80. I also call upon the international community to take steps to ensure the accountability of members of ISIL for the atrocious crimes they have perpetrated against the Iraqi people and to take steps to recognize the gravity of ISIL crimes. I furthermore urge the Government of Iraq to take urgent steps to address past crimes and violations by granting Iraqi courts appropriate jurisdiction over international crimes committed in Iraq, and to ensure that the perpetrators are tried in full compliance with due process and fair trial standards required by international law and the Constitution of Iraq.
81. I condemn in the strongest terms the killing of UNAMI staff member Amer al-Kaissy, following his abduction by unidentified gunmen in April 2015. It is the responsibility of the Iraqi authorities to conduct a thorough and open investigation and to bring the perpetrators to justice swiftly. I reiterate my call upon the authorities to do so.
82. The humanitarian crisis in Iraq continues to be a source of great concern.
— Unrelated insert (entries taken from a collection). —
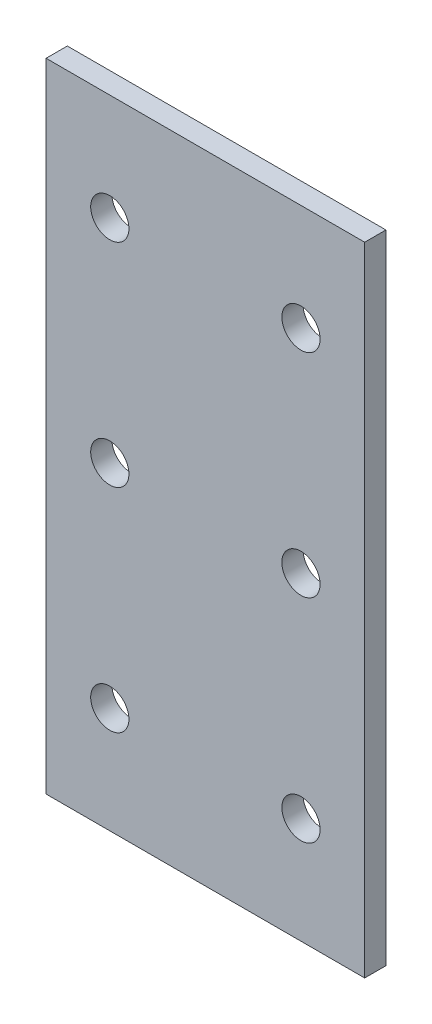
from build123d import *

# Parameters (mm, degrees)
SKETCH1_W           = 150
SKETCH1_H           = 300
SKETCH1_R           = 9
BOSS_EXTRUDE1_DEPTH = 10


with BuildPart() as part:
    # Sketch1 → Boss-Extrude1 (new body)
    with BuildSketch(Plane.XY):
        Rectangle(SKETCH1_W, SKETCH1_H)
        with Locations((-45, 100)):
            Circle(SKETCH1_R, mode=Mode.SUBTRACT)
        with Locations((-45, 0)):
            Circle(SKETCH1_R, mode=Mode.SUBTRACT)
        with Locations((-45, -100)):
            Circle(SKETCH1_R, mode=Mode.SUBTRACT)
        with Locations(Location((45, -100, 0), (0, 0, 180))):
            Circle(SKETCH1_R, mode=Mode.SUBTRACT)
        with Locations(Location((45, 0, 0), (0, 0, 180))):
            Circle(SKETCH1_R, mode=Mode.SUBTRACT)
        with Locations(Location((45, 100, 0), (0, 0, 180))):
            Circle(SKETCH1_R, mode=Mode.SUBTRACT)
    extrude(amount=BOSS_EXTRUDE1_DEPTH)


solid = part.part
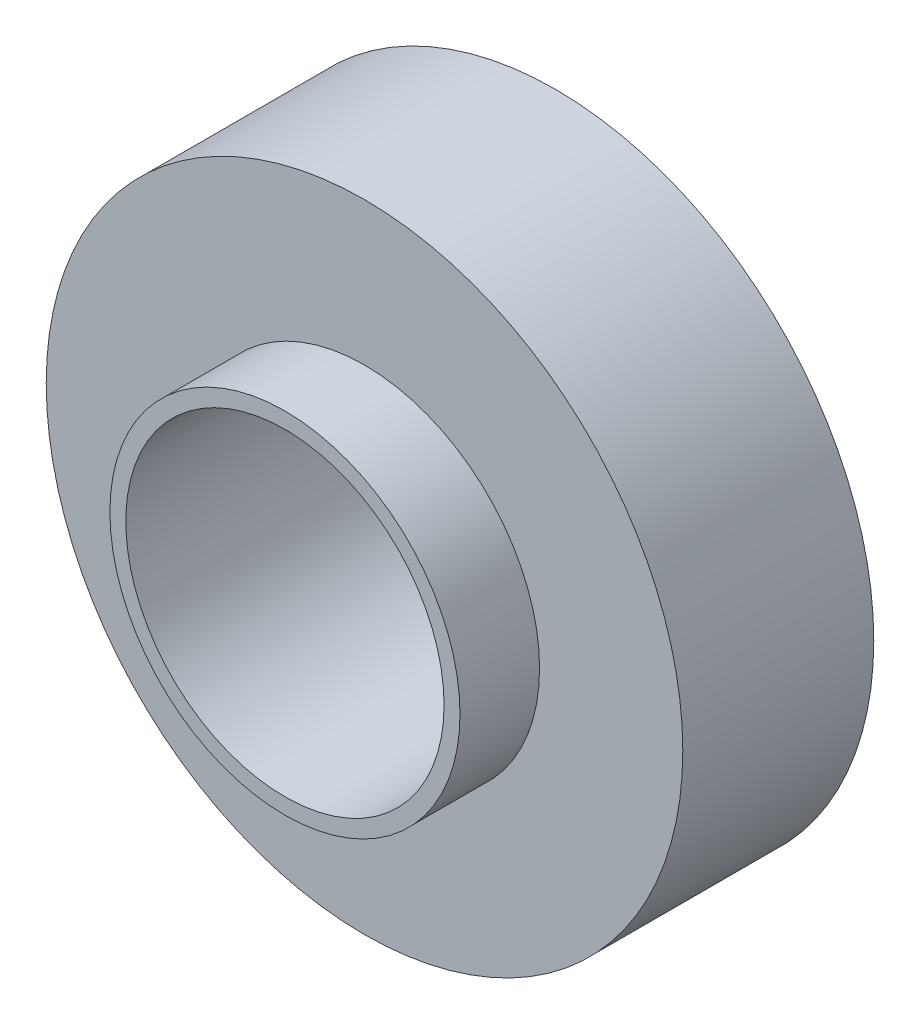
from build123d import *

# Parameters (mm, degrees)
SKETCH1_R           = 20
SKETCH1_R_2         = 10
BOSS_EXTRUDE1_DEPTH = 12
SKETCH2_R           = 11
SKETCH2_R_2         = 10
BOSS_EXTRUDE2_DEPTH = 5


with BuildPart() as part:
    # Sketch1 → Boss-Extrude1 (new body)
    with BuildSketch(Plane.XY):
        Circle(SKETCH1_R)
        Circle(SKETCH1_R_2, mode=Mode.SUBTRACT)
    extrude(amount=BOSS_EXTRUDE1_DEPTH)

    # Sketch2 → Boss-Extrude2 (add)
    with BuildSketch(Plane.XY.offset(12)):
        Circle(SKETCH2_R)
        Circle(SKETCH2_R_2, mode=Mode.SUBTRACT)
    extrude(amount=BOSS_EXTRUDE2_DEPTH)


solid = part.part
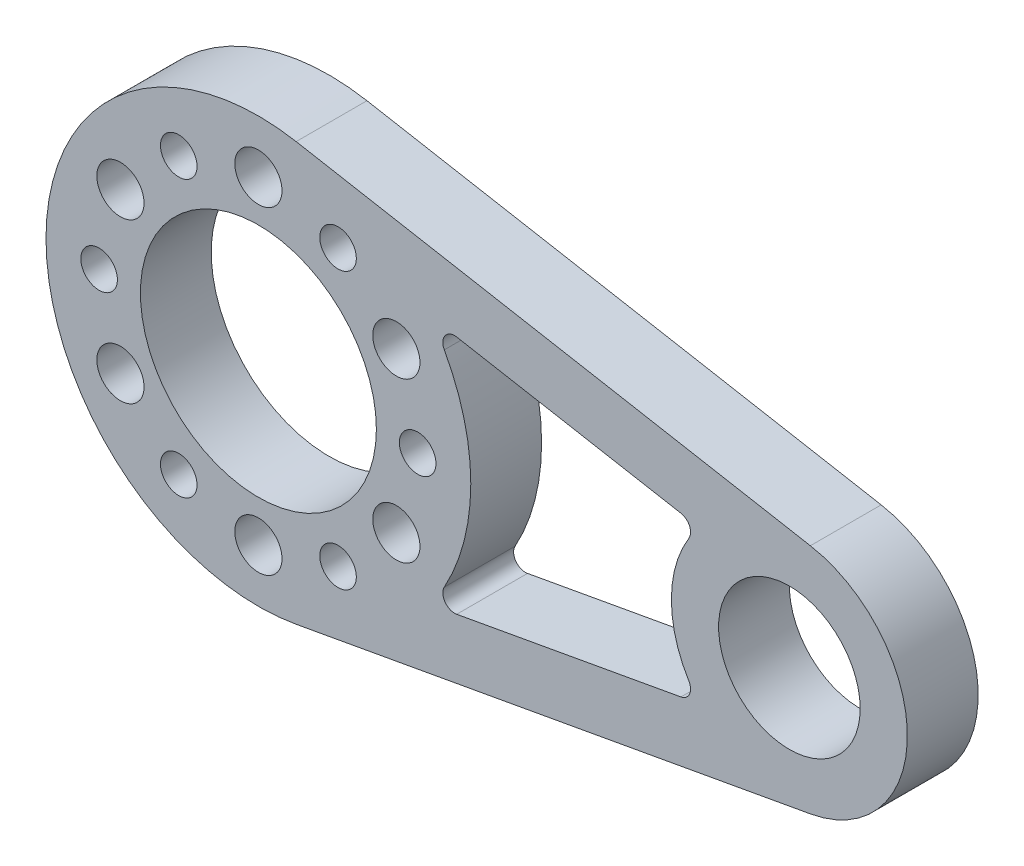
SolidWorks part; units mm, degrees
material "Thornel Mat VMA"
ref_plane "前视基准面" through (0, 0, 0) normal (0, 0, 1) x (1, 0, 0)
ref_plane "上视基准面" through (0, 0, 0) normal (0, 1, 0) x (1, 0, 0)
ref_plane "右视基准面" through (0, 0, 0) normal (1, 0, 0) x (0, 0, -1)
other "Configuration Table"
sketch "草图1" plane through (0, 0, 0) normal (0, 0, 1) x (1, 0, 0)
  line L0 (0, 0) -> (45, 0) construction
  line L1 (0, 0) -> (13.5, 0) construction
  line L2 (3.2, 17.7133) -> (46.7778, 9.8407)
  line L3 (3.2, -17.7133) -> (46.7778, -9.8407)
  line L4 (0, 13.5) -> (0, 0) construction
  circle A0 centre (45, 0) radius 6
  circle A1 centre (0, 0) radius 13.5 construction
  circle A2 centre (13.5, 0) radius 1.55
  circle A3 centre (6.75, -11.6913) radius 1.55
  circle A4 centre (-6.75, -11.6913) radius 1.55
  circle A5 centre (-13.5, 0) radius 1.55
  circle A6 centre (-6.75, 11.6913) radius 1.55
  circle A7 centre (6.75, 11.6913) radius 1.55
  circle A8 centre (0, 0) radius 18
  circle A9 centre (45, 0) radius 10
  circle A10 centre (0, 0) radius 10
  circle A11 centre (0, 13.5) radius 2
  circle A12 centre (11.6913, 6.75) radius 2
  circle A13 centre (11.6913, -6.75) radius 2
  circle A14 centre (0, -13.5) radius 2
  circle A15 centre (-11.6913, -6.75) radius 2
  circle A16 centre (-11.6913, 6.75) radius 2
  point P19 (0, 0)
  point P39 (0, 0)
  dimension "D1" = 12
  dimension "D3" = 27
  dimension "D6" = 3.1
  dimension "D7" = 20
  dimension "D8" = 36
  dimension "D9" = 20
  dimension "D11" = 4
  dimension "D2" = 45
  dimension "D5" = 0
  dimension "D4" = 6
  dimension "D10" = 6
extrude "凸台-拉伸1" add sketch "草图1" along normal blind 6 contours A8 A2 A3 A4 A5 A6 A7 | A9 L2 A8 L3 | A9 A0
sketch "草图2" plane through (0, 0, 6) normal (0, 0, 1) x (1, 0, 0)
  line L0 (0, 0) -> (45, 0)
sketch "草图3" plane through (0, 0, 6) normal (0, 0, 1) x (1, 0, 0)
  line L0 (14.5627, 10.5796) -> (37.3666, 6.46)
  line L1 (3.2, 17.7133) -> (46.7778, 9.8407) construction
  line L2 (45, 0) -> (-0.4013, 0) construction
  line L3 (14.5627, -10.5796) -> (37.3666, -6.46)
  circle A0 centre (0, 0) radius 18
  arc A1 (3.2, 17.7133) -> (3.2, -17.7133) centre (0, 0) ccw construction
  circle A2 centre (45, 0) radius 10
  dimension "D1" = 20
  dimension "D2" = 5
extrude "切除-拉伸1" cut sketch "草图3" against normal through all contours L2 A2 L0 A0 | A2 L2 A0 L3
fillet "圆角1" radius 1 4 edges at (14.5627, -10.5796, 3) (37.3666, -6.46, 3) (37.3666, 6.46, 3) (14.5627, 10.5796, 3)

Additional resources are urgently needed. The United Nations and its partners have requested $861 million for 2016 to provide emergency relief to 7.3 million vulnerable Iraqis. Only 15 per cent, or $128 million, has been received so far. Urgently mobilizing additional funds, including for assistance in areas retaken from ISIL, remains one of my highest priorities.
83. Lastly, I wish to extend my appreciation to my Special Representative, Jan Kubis, and all of the staff of the United Nations in Iraq for their continued efforts in assisting the Government and people of Iraq. I trust that Iraq's international partners, including its neighbours, will continue to extend their support to my Special Representative in the implementation of his mandate.